# Can Stream download to a portable memory device?



## heg (Jan 12, 2004)

Is there a way to download program content from my Premiere thru Stream to a portable memory device (SD card, USB stick)? I can download to a new iPad, but a couple of movies will max out the iPad's memory. If I want to take a few movies or other TV programs from my Premiere with me on a trip I could use something like RAVPower FileHub 5-in-1 to hold the media files and stream to iPad. Before that will work I need a way to get the media files onto some portable memory device(s). Any solution?


----------



## Dan203 (Apr 17, 2000)

Nope. The files are stored inside the TiVo apps data directory using an special encrypted format. Even if you could manage to get them on an SD card only the TiVo app could play them and it'll only play files in it's own data directory.


----------



## ramiss (Jan 30, 2014)

This is incorrect.

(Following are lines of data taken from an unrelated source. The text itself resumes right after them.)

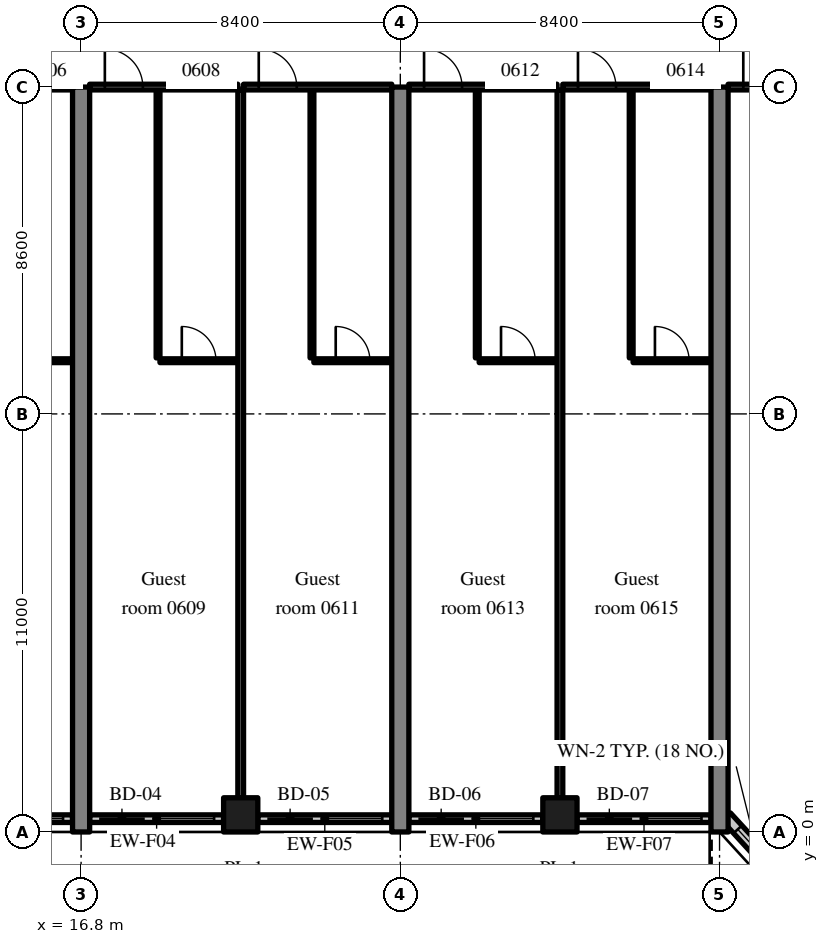
"""IFC4 building model, lengths in metres.
Left out: names, types, materials, properties, quantities, classifications, styles, units other than length and angle.
Written with IfcOpenShell. Run it as: python <this file> out.ifc"""

import sys

from ifc_helpers import new_model, si_unit, direction, frame, frame_2d, origin, origin_2d, place, context, subcontext, project, spatial, rectangle, extrude, source, transform, mapped, element, fill, save


model = new_model("IFC4")
c1 = context("Model", 3, precision=1e-05, world=origin(), true_north=direction((0.0, 1.0)))
c2 = subcontext(c1, "Body", "Model", "MODEL_VIEW")
j1 = project(units=[si_unit("LENGTHUNIT", "METRE"), si_unit("PLANEANGLEUNIT", "RADIAN")], contexts=[c1])
p1 = place(None, origin())
s1 = spatial("IfcSite", under=j1, at=p1, CompositionType="ELEMENT")
p2 = place(p1, origin())
s2 = spatial("IfcBuilding", under=s1, at=p2, CompositionType="ELEMENT")
p3 = place(p2, frame((0.0, 0.0, 31.6)))
s3 = spatial("IfcBuildingStorey", under=s2, at=p3, CompositionType="ELEMENT", Elevation=31.6)
m1 = source(origin(), c2, "Body", "SweptSolid", [
    extrude(rectangle(XDim=19.6, YDim=0.45, at=frame_2d((9.8, 0.0))), origin(), (0.0, 0.0, 1.0), 3.52),
])
for number, where, z_axis, x_axis in (
    (1, (16.8, 0.0, 0.0), (0.0, 0.0, 1.0), (0.0, 1.0, 0.0)),
    (2, (25.2, 0.0, 0.0), (0.0, 0.0, 1.0), (0.0, 1.0, 0.0)),
    (3, (33.6, 0.0, 0.0), (0.0, 0.0, 1.0), (0.0, 1.0, 0.0)),
):
    element("IfcWall", number, at=place(p3, frame(where, z_axis=z_axis, x_axis=x_axis)), inside=s3, PredefinedType="SHEAR", context=c2, shape_type="MappedRepresentation", body=[
        mapped(m1, transform((0.0, 0.0, 0.0), scale=1.0)),
    ])
m2 = source(origin(), c2, "Body", "SweptSolid", [
    extrude(rectangle(XDim=0.9, YDim=0.9, at=origin_2d()), origin(), (0.0, 0.0, 1.0), 3.52),
])
for number, where, z_axis, x_axis in (
    (4, (21.0, 0.45, 0.0), (0.0, 0.0, 1.0), (1.0, 0.0, 0.0)),
    (5, (29.4, 0.45, 0.0), (0.0, 0.0, 1.0), (1.0, 0.0, 0.0)),
):
    element("IfcColumn", number, at=place(p3, frame(where, z_axis=z_axis, x_axis=x_axis)), inside=s3, PredefinedType="COLUMN", context=c2, shape_type="MappedRepresentation", body=[
        mapped(m2, transform((0.0, 0.0, 0.0), scale=1.0)),
    ])
m3 = source(origin(), c2, "Body", "SweptSolid", [
    extrude(rectangle(XDim=3.525, YDim=0.2, at=frame_2d((1.762, 0.0))), origin(), (0.0, 0.0, 1.0), 2.77),
])
p4 = place(p3, frame((13.05, 0.35, 0.0), z_axis=(0.0, 0.0, 1.0), x_axis=(1.0, 0.0, 0.0)))
e6 = element("IfcWall", 6, at=p4, inside=s3, PredefinedType="SOLIDWALL", context=c2, shape_type="MappedRepresentation", body=[
    mapped(m3, transform((0.0, 0.0, 0.0), scale=1.0)),
])
m4 = source(origin(), c2, "Body", "SweptSolid", [
    extrude(rectangle(XDim=1.2, YDim=2.4, at=frame_2d((0.6, 1.2))), frame((0.0, 0.11, 0.0), z_axis=(0.0, -1.0, 0.0), x_axis=(1.0, 0.0, 0.0)), (0.0, 0.0, 1.0), 0.22),
])
p5 = place(p4, frame((0.25, 0.0, 0.0)))
e7 = element("IfcOpeningElement", 7, at=p5, cuts=e6, PredefinedType="OPENING", context=c2, shape_type="MappedRepresentation", body=[
    mapped(m4, transform((0.0, 0.0, 0.0), scale=1.0)),
])
m5 = source(origin(), c2, "Body", "SweptSolid", [
    extrude(rectangle(XDim=1.5, YDim=1.5, at=frame_2d((0.75, 0.75))), frame((0.0, 0.11, 0.0), z_axis=(0.0, -1.0, 0.0), x_axis=(1.0, 0.0, 0.0)), (0.0, 0.0, 1.0), 0.22),
])
p6 = place(p4, frame((1.775, 0.0, 0.9)))
e8 = element("IfcOpeningElement", 8, at=p6, cuts=e6, PredefinedType="OPENING", context=c2, shape_type="MappedRepresentation", body=[
    mapped(m5, transform((0.0, 0.0, 0.0), scale=1.0)),
])
m6 = source(origin(), c2, "Body", "SweptSolid", [
    extrude(rectangle(XDim=3.525, YDim=0.2, at=frame_2d((1.763, 0.0))), origin(), (0.0, 0.0, 1.0), 2.77),
])
p7 = place(p3, frame((17.025, 0.35, 0.0), z_axis=(0.0, 0.0, 1.0), x_axis=(1.0, 0.0, 0.0)))
e9 = element("IfcWall", 9, at=p7, inside=s3, PredefinedType="SOLIDWALL", context=c2, shape_type="MappedRepresentation", body=[
    mapped(m6, transform((0.0, 0.0, 0.0), scale=1.0)),
])
p8 = place(p7, frame((0.25, 0.0, 0.0)))
e10 = element("IfcOpeningElement", 10, at=p8, cuts=e9, PredefinedType="OPENING", context=c2, shape_type="MappedRepresentation", body=[
    mapped(m4, transform((0.0, 0.0, 0.0), scale=1.0)),
])
p9 = place(p7, frame((1.775, 0.0, 0.9)))
e11 = element("IfcOpeningElement", 11, at=p9, cuts=e9, PredefinedType="OPENING", context=c2, shape_type="MappedRepresentation", body=[
    mapped(m5, transform((0.0, 0.0, 0.0), scale=1.0)),
])
p10 = place(p3, frame((21.45, 0.35, 0.0), z_axis=(0.0, 0.0, 1.0), x_axis=(1.0, 0.0, 0.0)))
e12 = element("IfcWall", 12, at=p10, inside=s3, PredefinedType="SOLIDWALL", context=c2, shape_type="MappedRepresentation", body=[
    mapped(m6, transform((0.0, 0.0, 0.0), scale=1.0)),
])
p11 = place(p10, frame((0.25, 0.0, 0.0)))
e13 = element("IfcOpeningElement", 13, at=p11, cuts=e12, PredefinedType="OPENING", context=c2, shape_type="MappedRepresentation", body=[
    mapped(m4, transform((0.0, 0.0, 0.0), scale=1.0)),
])
p12 = place(p10, frame((1.775, 0.0, 0.9)))
e14 = element("IfcOpeningElement", 14, at=p12, cuts=e12, PredefinedType="OPENING", context=c2, shape_type="MappedRepresentation", body=[
    mapped(m5, transform((0.0, 0.0, 0.0), scale=1.0)),
])
p13 = place(p3, frame((25.425, 0.35, 0.0), z_axis=(0.0, 0.0, 1.0), x_axis=(1.0, 0.0, 0.0)))
e15 = element("IfcWall", 15, at=p13, inside=s3, PredefinedType="SOLIDWALL", context=c2, shape_type="MappedRepresentation", body=[
    mapped(m3, transform((0.0, 0.0, 0.0), scale=1.0)),
])
p14 = place(p13, frame((0.25, 0.0, 0.0)))
e16 = element("IfcOpeningElement", 16, at=p14, cuts=e15, PredefinedType="OPENING", context=c2, shape_type="MappedRepresentation", body=[
    mapped(m4, transform((0.0, 0.0, 0.0), scale=1.0)),
])
p15 = place(p13, frame((1.775, 0.0, 0.9)))
e17 = element("IfcOpeningElement", 17, at=p15, cuts=e15, PredefinedType="OPENING", context=c2, shape_type="MappedRepresentation", body=[
    mapped(m5, transform((0.0, 0.0, 0.0), scale=1.0)),
])
p16 = place(p3, frame((29.85, 0.35, 0.0), z_axis=(0.0, 0.0, 1.0), x_axis=(1.0, 0.0, 0.0)))
e18 = element("IfcWall", 18, at=p16, inside=s3, PredefinedType="SOLIDWALL", context=c2, shape_type="MappedRepresentation", body=[
    mapped(m3, transform((0.0, 0.0, 0.0), scale=1.0)),
])
p17 = place(p16, frame((0.25, 0.0, 0.0)))
e19 = element("IfcOpeningElement", 19, at=p17, cuts=e18, PredefinedType="OPENING", context=c2, shape_type="MappedRepresentation", body=[
    mapped(m4, transform((0.0, 0.0, 0.0), scale=1.0)),
])
p18 = place(p16, frame((1.775, 0.0, 0.9)))
e20 = element("IfcOpeningElement", 20, at=p18, cuts=e18, PredefinedType="OPENING", context=c2, shape_type="MappedRepresentation", body=[
    mapped(m5, transform((0.0, 0.0, 0.0), scale=1.0)),
])
m7 = source(origin(), c2, "Body", "SweptSolid", [
    extrude(rectangle(XDim=2.398, YDim=0.3, at=frame_2d((1.199, 0.0))), origin(), (0.0, 0.0, 1.0), 3.52),
])
p19 = place(p3, frame((33.776, 0.4, 0.0), z_axis=(0.0, 0.0, 1.0), x_axis=(0.675374189419, -0.737475222815, 0.0)))
e21 = element("IfcWall", 21, at=p19, inside=s3, PredefinedType="SOLIDWALL", context=c2, shape_type="MappedRepresentation", body=[
    mapped(m7, transform((0.0, 0.0, 0.0), scale=1.0)),
])
m8 = source(origin(), c2, "Body", "SweptSolid", [
    extrude(rectangle(XDim=1.5, YDim=2.0, at=frame_2d((0.75, 1.0))), frame((0.0, 0.16, 0.0), z_axis=(0.0, -1.0, 0.0), x_axis=(1.0, 0.0, 0.0)), (0.0, 0.0, 1.0), 0.32),
])
p20 = place(p19, frame((0.449, 0.0, 0.9)))
e22 = element("IfcOpeningElement", 22, at=p20, cuts=e21, PredefinedType="OPENING", context=c2, shape_type="MappedRepresentation", body=[
    mapped(m8, transform((0.0, 0.0, 0.0), scale=1.0)),
])
m9 = source(origin(), c2, "Body", "SweptSolid", [
    extrude(rectangle(XDim=2.05, YDim=0.1, at=frame_2d((1.025, 0.0))), origin(), (0.0, 0.0, 1.0), 3.52),
])
p21 = place(p3, frame((14.525, 12.4, 0.0), z_axis=(0.0, 0.0, 1.0), x_axis=(1.0, 0.0, 0.0)))
e23 = element("IfcWall", 23, at=p21, inside=s3, PredefinedType="PARTITIONING", context=c2, shape_type="MappedRepresentation", body=[
    mapped(m9, transform((0.0, 0.0, 0.0), scale=1.0)),
])
m10 = source(origin(), c2, "Body", "SweptSolid", [
    extrude(rectangle(XDim=0.9, YDim=2.1, at=frame_2d((0.45, 1.05))), frame((0.0, 0.06, 0.0), z_axis=(0.0, -1.0, 0.0), x_axis=(1.0, 0.0, 0.0)), (0.0, 0.0, 1.0), 0.12),
])
p22 = place(p21, frame((0.575, 0.0, 0.0)))
e24 = element("IfcOpeningElement", 24, at=p22, cuts=e23, PredefinedType="OPENING", context=c2, shape_type="MappedRepresentation", body=[
    mapped(m10, transform((0.0, 0.0, 0.0), scale=1.0)),
])
m11 = source(origin(), c2, "Body", "SweptSolid", [
    extrude(rectangle(XDim=3.9, YDim=0.15, at=frame_2d((1.95, 0.0))), origin(), (0.0, 0.0, 1.0), 2.82),
])
p23 = place(p3, frame((12.675, 19.6, 0.0), z_axis=(0.0, 0.0, 1.0), x_axis=(1.0, 0.0, 0.0)))
e25 = element("IfcWall", 25, at=p23, inside=s3, PredefinedType="PARTITIONING", context=c2, shape_type="MappedRepresentation", body=[
    mapped(m11, transform((0.0, 0.0, 0.0), scale=1.0)),
])
m12 = source(origin(), c2, "Body", "SweptSolid", [
    extrude(rectangle(XDim=1.0, YDim=2.1, at=frame_2d((0.5, 1.05))), frame((0.0, 0.085, 0.0), z_axis=(0.0, -1.0, 0.0), x_axis=(1.0, 0.0, 0.0)), (0.0, 0.0, 1.0), 0.17),
])
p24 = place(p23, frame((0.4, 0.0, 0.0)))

You can use Tivo Desktop or pyTivo on your pc to transfer the files and, if you want, encode them to a smaller format such as mp4.


----------



## Dan203 (Apr 17, 2000)

He asked about using the Stream to do this. If he wants to use a PC to do it there are a million options. Heck if he's going to do that I might as well plug the software I develop for. With VideoReDo you can open .tivo files directly, edit out the commercials and save them to an MP4 file in one step.


----------



## heg (Jan 12, 2004)

Thanks to both of you. Obviously the way I worded my question unintentionally limited the available solutions. I don't care if Stream is involved in the download or not. The real issue is how to get programming from Premiere onto portable memory. You have given me some options to try. Thx


----------



## bluedakar (May 1, 2006)

When you get the media transferred to SD card, a good way to stream them to one or more devices is Airstash. I have used one for years and it is perfect for this. It's compact, lasts for 7 hours of streaming on a charge, very simple to use and relatively cheap.


----------



## Dan203 (Apr 17, 2000)

FYI youc an get a free version of TiVo Desktop here...

http://assets.tivo.com/assets/exe/tivotogo/TiVoDesktop2.8.3.exe

They only list the paid version on their website but the free one still works.


----------